This and That from Around the NHL
Undated (AP) _ During his recent recuperation from a fractured jaw, New York Ranger goaltender John Vanbiesbrouck could have turned out a cook book for people on soft foods.
″You can throw anything into a Cuisinart,″ said Vanbiesbrouck, whose fractured jaw from an exhibition game kept him on a diet of liquids and mushy foods and off the ice for the early part of the season.
Known as ″Trader Phil″ because of the many deals he’s made since becoming general manager a little over a year ago, Phil Esposito says he is finished dealing - at least for now. Says Phil: ″I want to do everything (now) and that’s it...unless of course we can get somebody who can really help us.″
The Washington chapter of the Professional Hockey Writers Association has named Mike Gartner recipient of its 2nd annual Dan McCoubrey-Good Guy Award for 1987.
The award is an effort to recognize the countless hours members of the Capitals have spent working with various organizations throughout the area to publicize or raise money for charitable causes.
″Gartner has exhibited the quality of commitment to the community in which he plays,″ Washington chapter president Dave Fay said. ″He is the type of individual who finds it very tough to say no to any reasonable request for his time and always makes sure he has time available when children are involved.″
The Philadelphia Flyers have recently unveiled an eight-foot bronze statue of the late singer Kate Smith outside the Spectrum.

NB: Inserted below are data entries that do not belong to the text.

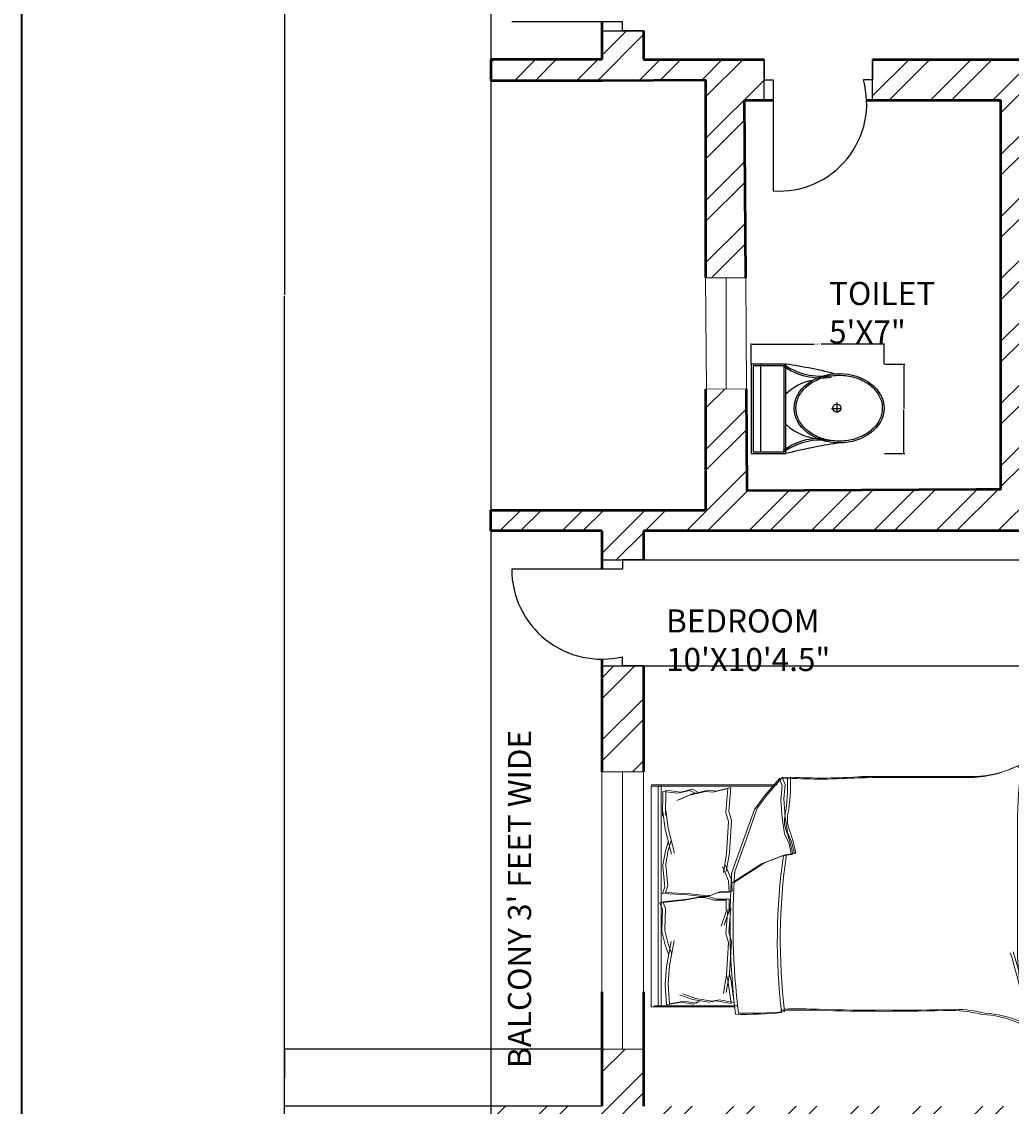
# Model space of a CAD drawing. Units: inches. Extents: x 1980 to 2738, y 1471 to 2568.
# Tile 7 of 22: x 1980 to 2194, y 1878 to 2112. Entities that reach past the tile are written whole.
import ezdxf

# ---------------------------------------------------------------- set-up
doc = ezdxf.new("R2010")
doc.units = ezdxf.units.IN
for name, color, linetype, lineweight in [('A-ANNO-DIMS', 2, 'Continuous', 18), ('A-ANNO-TTLB', 7, 'Continuous', 35), ('A-AREA-IDEN', 7, 'Continuous', 18), ('A-DOOR', 31, 'Continuous', 25), ('A-FLOR-BALC', 7, 'Continuous', 25), ('A-FLOR-FIXT', 8, 'Continuous', 25), ('A-FURN', 8, 'Continuous', 18), ('A-GLAZ', 141, 'Continuous', 18), ('A-WALL', 7, 'Continuous', 50)]:
    doc.layers.add(name, color=color, linetype=linetype, lineweight=lineweight)
doc.layers.add('A-WALL-PATT', color=9, linetype='Continuous', lineweight=13, true_color=0xd19cc7)
doc.styles.get("Standard").update_dxf_attribs({"font": 'arial.ttf'})
doc.dimstyles.get("Standard").update_dxf_attribs({"dimtxt": 0.18, "dimasz": 0.18, "dimexe": 0.18, "dimexo": 0.0625, "dimgap": 0.09, "dimtad": 0, "dimtih": 1, "dimtoh": 1, "dimdec": 4, "dimzin": 0, "dimdsep": 46, "dimtxsty": 'Standard', "dimcen": 0.09, "dimadec": 0, "dimazin": 0, "dimtfac": 1, "dimtdec": 4, "dimtofl": 0, "dimtmove": 0, "dimatfit": 3, "dimfxl": 1, "dimtolj": 1, "dimtzin": 0, "dimarcsym": 0})

# ---------------------------------------------------------------- blocks, each defined once
blk = doc.blocks.new('A$C31115884')
for p, q in [((257.5, 466.4), (257.5, 523.2)), ((283.1, 497.7), (223.4, 497.7)), ((0, 200), (0, 0)), ((520, 200), (0, 200)), ((10, 190), (10, 10)), ((510, 190), (10, 190)), ((510, 10), (510, 190)), ((520, 0), (520, 200)), ((510, 54.5), (0, 54.5)), ((10, 10), (510, 10)), ((0, 0), (520, 0))]:
    blk.add_line(p, q)
blk.add_circle((255.6, 496.4), 23.6)
for centre, radius, start, end in [((2777.7, -204.6), 2807, 165.4549, 171.71327), ((-294.5, 403.3), 364.7, 324.20913, 9.34987), ((-294.5, 403.3), 374.7, 324.20913, 9.34987), ((805.8, 403.3), 364.7, 170.65013, 215.79087), ((3237, 905), 2807, 188.28673, 194.5451), ((139.5, 406.2), 293.5, 315.84364, 2.65635), ((805.8, 403.3), 374.7, 179.20365, 215.79087), ((383.6, 406.2), 293.5, 190.27735, 224.15636)]:
    blk.add_arc(centre, radius, start, end)
blk.add_ellipse((256.2, 509.9), major_axis=(0, -260.7), ratio=0.772727)
blk.add_open_spline([(256.2, 259.2), (263.1, 259.2), (270, 259.7), (287.8, 262.3), (298.7, 265.1), (319.9, 273.1), (330.2, 278.4), (350.1, 291.1), (359.7, 298.7), (377.7, 315.9), (386.2, 325.5), (401.7, 346.6), (408.8, 358.1), (421.3, 382.5), (426.8, 395.5), (435.9, 422.4), (439.5, 436.4), (444.8, 465.1), (446.5, 479.7), (447.9, 509.2), (447.6, 524), (445, 553.3), (442.7, 567.8), (436.3, 596), (432.1, 609.7), (421.9, 636), (416, 648.6), (402.5, 672.1), (395, 683), (378.6, 703), (369.8, 712.1), (351.1, 728), (341.3, 734.8), (320.9, 746.2), (310.4, 750.7), (288.9, 757.3), (278, 759.4), (256, 761), (245, 760.6), (223.1, 757.2), (212.3, 754.3), (191.1, 746.1), (180.8, 740.7), (160.9, 727.8), (151.4, 720.1), (133.5, 702.7), (125.1, 693), (109.6, 671.7), (102.6, 660.2), (90.2, 635.7), (84.9, 622.7), (76, 595.6), (72.4, 581.6), (67.2, 552.9), (65.6, 538.2), (64.4, 508.8), (64.8, 494), (67.5, 464.7), (69.9, 450.2), (76.6, 422), (80.8, 408.3), (91.1, 382.2), (97.2, 369.7), (110.8, 346.3), (118.4, 335.4), (134.8, 315.6), (143.7, 306.7), (162.4, 290.9), (172.3, 284.2), (192.8, 273), (203.3, 268.6), (224.8, 262.2), (235.8, 260.2), (249.9, 259.3), (253, 259.2), (256.2, 259.2)], degree=3, knots=[0, 0, 0, 0, 0.110105, 0.110105, 0.285049, 0.285049, 0.459994, 0.459994, 0.634938, 0.634938, 0.809882, 0.809882, 0.984827, 0.984827, 1.159771, 1.159771, 1.334715, 1.334715, 1.50966, 1.50966, 1.684604, 1.684604, 1.859549, 1.859549, 2.034493, 2.034493, 2.209437, 2.209437, 2.384382, 2.384382, 2.559326, 2.559326, 2.73427, 2.73427, 2.909215, 2.909215, 3.084159, 3.084159, 3.259103, 3.259103, 3.434048, 3.434048, 3.608992, 3.608992, 3.783936, 3.783936, 3.958881, 3.958881, 4.133825, 4.133825, 4.30877, 4.30877, 4.483714, 4.483714, 4.658658, 4.658658, 4.833603, 4.833603, 5.008547, 5.008547, 5.183491, 5.183491, 5.358436, 5.358436, 5.53338, 5.53338, 5.708324, 5.708324, 5.883269, 5.883269, 6.058213, 6.058213, 6.233158, 6.233158, 6.283185, 6.283185, 6.283185, 6.283185])
blk = doc.blocks.new('BED-DOUBLE')
for p, q in [((27.75, 52.87), (24.5, 49.16)), ((27.75, 52.87), (24.5, 49.16)), ((28.38, 53.1), (25.13, 49.39)), ((28.38, 53.1), (25.13, 49.39)), ((29.49, 52.95), (27.75, 52.87, 3.87)), ((29.49, 52.95), (27.75, 52.87, 3.87)), ((28.36, 51.33), (27.75, 52.87)), ((28.36, 51.33), (27.75, 52.87)), ((30.13, 53.18), (28.38, 53.1, 3.87)), ((30.13, 53.18), (28.38, 53.1, 3.87)), ((29, 51.56), (28.38, 53.1)), ((29, 51.56), (28.38, 53.1)), ((0, 51.49), (0.64, 51.49)), ((0, 51.27), (26.61, 51.27)), ((0, 51.27), (26.61, 51.27)), ((0, 51.27), (0, 3.48)), ((0.64, 51.49), (27.25, 51.49)), ((0.64, 51.49), (27.25, 51.49)), ((1.53, 3.48), (1.53, 51.27)), ((1.53, 3.48), (1.53, 51.27)), ((2.17, 3.7), (2.17, 51.49)), ((2.17, 3.7), (2.17, 51.49)), ((2.56, 50.11), (2.46, 44.71)), ((2.56, 50.11), (2.46, 44.71)), ((2.56, 50.11), (5.77, 49.73)), ((2.56, 50.11), (5.77, 49.73)), ((3.2, 50.34), (3.1, 44.94)), ((3.2, 50.34), (3.1, 44.94)), ((3.2, 50.34), (6.41, 49.96)), ((3.2, 50.34), (6.41, 49.96)), ((8.26, 49.31), (5.58, 48.13)), ((8.26, 49.31), (5.58, 48.13)), ((5.77, 49.73), (8.34, 50.33)), ((5.77, 49.73), (8.34, 50.33)), ((8.9, 49.54), (6.22, 48.36)), ((8.9, 49.54), (6.22, 48.36)), ((6.41, 49.96), (8.98, 50.56)), ((6.41, 49.96), (8.98, 50.56)), ((11.83, 50.11), (8.26, 49.31)), ((11.83, 50.11), (8.26, 49.31)), ((8.34, 50.33), (9.38, 49.81)), ((8.34, 50.33), (9.38, 49.81)), ((12.47, 50.34), (8.9, 49.54)), ((12.47, 50.34), (8.9, 49.54)), ((8.98, 50.56), (10.02, 50.04)), ((8.98, 50.56), (10.02, 50.04)), ((13.43, 49.92), (11.83, 50.11)), ((13.43, 49.92), (11.83, 50.11)), ((14.07, 50.15), (12.47, 50.34)), ((14.07, 50.15), (12.47, 50.34)), ((16.57, 50.7), (13.43, 49.92)), ((16.57, 50.7), (13.43, 49.92)), ((17.21, 50.93), (14.07, 50.15)), ((17.21, 50.93), (14.07, 50.15)), ((16.17, 45.57), (16.57, 50.7)), ((16.17, 45.57), (16.57, 50.7)), ((16.81, 45.8), (17.21, 50.93)), ((16.81, 45.79), (17.21, 50.93)), ((25.13, 49.39), (22.97, 46.45)), ((25.13, 49.39), (22.97, 46.45)), ((28.06, 48.23), (28.36, 51.33)), ((28.06, 48.23), (28.36, 51.33)), ((28.69, 48.46), (29, 51.56)), ((28.69, 48.46), (29, 51.56)), ((24.5, 49.16), (22.33, 46.22)), ((24.5, 49.16), (22.33, 46.22)), ((28.36, 44.36), (28.06, 48.23)), ((28.36, 44.36), (28.06, 48.23)), ((29, 44.59), (28.69, 48.46)), ((29, 44.59), (28.69, 48.46)), ((2.46, 44.71), (2.54, 45.71)), ((2.46, 44.71), (2.54, 45.71)), ((2.54, 45.71), (3.07, 41.91)), ((2.54, 45.71), (3.07, 41.91)), ((3.1, 44.94), (3.18, 45.94)), ((3.1, 44.94), (3.18, 45.94)), ((3.18, 45.94), (3.71, 42.14)), ((3.18, 45.94), (3.71, 42.14)), ((16.73, 43.61), (16.17, 45.57)), ((16.73, 43.61), (16.17, 45.57)), ((17.37, 43.83), (16.81, 45.8)), ((17.37, 43.83), (16.81, 45.79)), ((22.33, 46.22), (20.32, 40.64)), ((22.33, 46.22), (20.32, 40.64)), ((22.97, 46.45), (20.96, 40.87)), ((22.97, 46.45), (20.96, 40.87)), ((16.29, 36.6), (16.73, 43.61)), ((16.29, 36.6), (16.73, 43.61)), ((16.93, 36.82), (17.37, 43.83)), ((16.93, 36.82), (17.37, 43.83)), ((28.83, 40.95), (28.36, 44.36)), ((28.83, 40.95), (28.36, 44.36)), ((29.47, 41.18), (29, 44.59)), ((29.47, 41.18), (29, 44.59)), ((3.07, 41.91), (4.42, 36.5)), ((3.07, 41.91), (4.42, 36.5)), ((3.71, 42.14), (5.06, 36.72)), ((3.71, 42.14), (5.06, 36.72)), ((20.32, 40.64), (17.38, 32.31)), ((20.32, 40.64), (17.38, 32.31)), ((20.96, 40.87), (18.02, 32.53)), ((20.96, 40.87), (18.02, 32.53)), ((29.76, 38.94), (28.83, 40.95)), ((29.76, 38.94), (28.83, 40.95)), ((30.4, 39.17), (29.47, 41.18)), ((30.4, 39.17), (29.47, 41.18)), ((79.88, 15.29), (79.88, 39.91)), ((79.88, 15.29), (79.88, 39.91)), ((3.67, 39.2), (3.08, 37.14)), ((3.67, 39.2), (3.08, 37.14)), ((4.31, 39.43), (3.72, 37.36)), ((4.31, 39.43), (3.72, 37.36)), ((30.38, 36.46), (29.76, 38.94)), ((30.38, 36.46), (29.76, 38.94)), ((31.02, 36.69), (30.4, 39.17)), ((31.02, 36.69), (30.4, 39.17)), ((79.24, 15.06), (79.24, 39.68)), ((79.24, 15.06), (79.24, 39.68)), ((3.08, 37.14), (2.54, 34.2)), ((3.08, 37.14), (2.54, 34.2)), ((3.72, 37.36), (3.18, 34.43)), ((3.72, 37.36), (3.18, 34.43)), ((15.63, 32.56), (16.29, 36.6)), ((15.63, 32.56), (16.29, 36.6)), ((16.27, 32.79), (16.93, 36.82)), ((16.27, 32.79), (16.93, 36.82)), ((23.88, 34.45), (28.36, 36.15)), ((23.88, 34.45), (28.36, 36.15)), ((24.52, 34.68), (29, 36.38)), ((24.52, 34.68), (29, 36.38)), ((28.36, 36.15), (30.38, 36.46)), ((28.36, 36.15), (30.38, 36.46)), ((29, 36.38), (31.02, 36.69)), ((29, 36.38), (31.02, 36.69)), ((2.54, 34.2), (2.56, 33.88)), ((2.54, 34.2), (2.56, 33.88)), ((2.56, 33.88), (2.98, 29.46)), ((2.56, 33.88), (2.98, 29.46)), ((3.18, 34.43), (3.2, 34.11)), ((3.18, 34.43), (3.2, 34.11)), ((3.2, 34.11), (3.62, 29.68)), ((3.2, 34.11), (3.62, 29.68)), ((16.74, 30.75), (15.45, 33.82)), ((16.74, 30.75), (15.45, 33.82)), ((17.38, 30.98), (16.09, 34.05)), ((17.38, 30.98), (16.09, 34.05)), ((17.38, 30.26), (23.88, 34.45)), ((17.38, 30.26), (23.88, 34.45)), ((18.02, 30.49), (24.52, 34.68)), ((18.02, 30.49), (24.52, 34.68)), ((16.89, 28.3), (16.74, 30.75)), ((16.89, 28.3), (16.74, 30.75)), ((17.53, 28.53), (17.38, 30.98)), ((17.53, 28.53), (17.38, 30.98)), ((2.98, 29.46), (2.49, 27.98)), ((2.98, 29.46), (2.49, 27.98)), ((3.62, 29.68), (3.13, 28.21)), ((3.62, 29.68), (3.13, 28.21)), ((3.13, 28.21), (8.51, 27.96)), ((3.13, 28.21), (8.51, 27.96)), ((13.02, 27.66), (14.86, 28.36)), ((13.02, 27.66), (14.86, 28.36)), ((14.22, 28.13), (16.89, 28.3)), ((14.22, 28.13), (16.89, 28.3)), ((14.86, 28.36), (17.53, 28.53)), ((14.86, 28.36), (17.53, 28.53)), ((1.87, 25.98), (7.22, 26.56)), ((1.87, 25.98), (7.22, 26.56)), ((2.45, 24.54), (1.87, 25.98)), ((2.45, 24.54), (1.87, 25.98)), ((2.49, 27.98), (7.87, 27.73)), ((2.49, 27.98), (7.87, 27.73)), ((2.51, 26.21), (7.86, 26.79)), ((2.51, 26.21), (7.86, 26.79)), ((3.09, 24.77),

The statue was commissioned by the Flyers to honor Miss Smith, whose rendition of ″God Bless America″ caused her to be known as the team’s good luck charm during the 1970s when it was frequently substituted for the national anthem prior to the club’s important games.
In all, the Flyers have compiled a 58-9-2 record during games in which ″God Bless America″ was played, including four live appearances by Miss Smith at the Spectrum.
Joe Murphy, the overall No. 1 pick in the NHL draft last year by the Detroit Red Wings, reportedly had an ″attitude″ problem and spent most of the season in the minors. However, Murphy has changed in more ways than one, according to Red Wings Coach Jacques Demers.
Not only is Murphy’s attitude better, Demers says, but the player who just turned 20 has also built himself up physically.
″He’s one year older and more mature,″ Demers said. ″He’s had a great attitude this year. Last year he was 172 pounds, but now he’s 186 and that makes a heck of a lot of difference. He’s stronger.
″We never questioned his hockey ability, but I think the 14 pounds he’s gained has really helped him. He has great speed and his acceleration is excellent when he goes to the net.″
They alltalk about the hardest shooters in the league, but what about the hardest hitters?
If there was a ″top ten″ of hardest-hitters, Edmonton’s Normand Lacombe would probably be ranked. In a recent game against Boston, Lacombe bruised several Bruins with crushing body checks.
″He’s a quiet, shy kind of guy who doesn’t show much emotion, but he’s so strong,″ Oiler Coach Glen Sather said of the 5-foot-11, 205-pound right winger.
″One time he came off the ice and he had five Bruins yelling at him, he hit one of their guys so hard. I think what it is, he’s so strong that when he hits people, he hurts them.″
Lacombe, who scored only his 14th goal in 100 NHL games that night, shrugged off the comment.
″I just go hit them, if they get upset that’s their fault,″ he says. ″They should keep their heads up.″
Terry Crisp remembers the closeness of the Philadelphia Flyer players when he was a member of the team that won two Stanley Cups in the 1970s, and hopes to instill a similar feeling in his first year as an NHL coach with the Calgary Flames.
″If this team ends up having the camaraderie, unity and togetherness of the Philadelphia Flyers’ Stanley Cup teams, I’ll be the happiest coach in the National Hockey League,″ Crisp says. ″I know we’re going to be a close-knit team. All the ingredients are there. I’m not talking about goonery, either.″
END ADV Weekend Editions Oct. 24-25.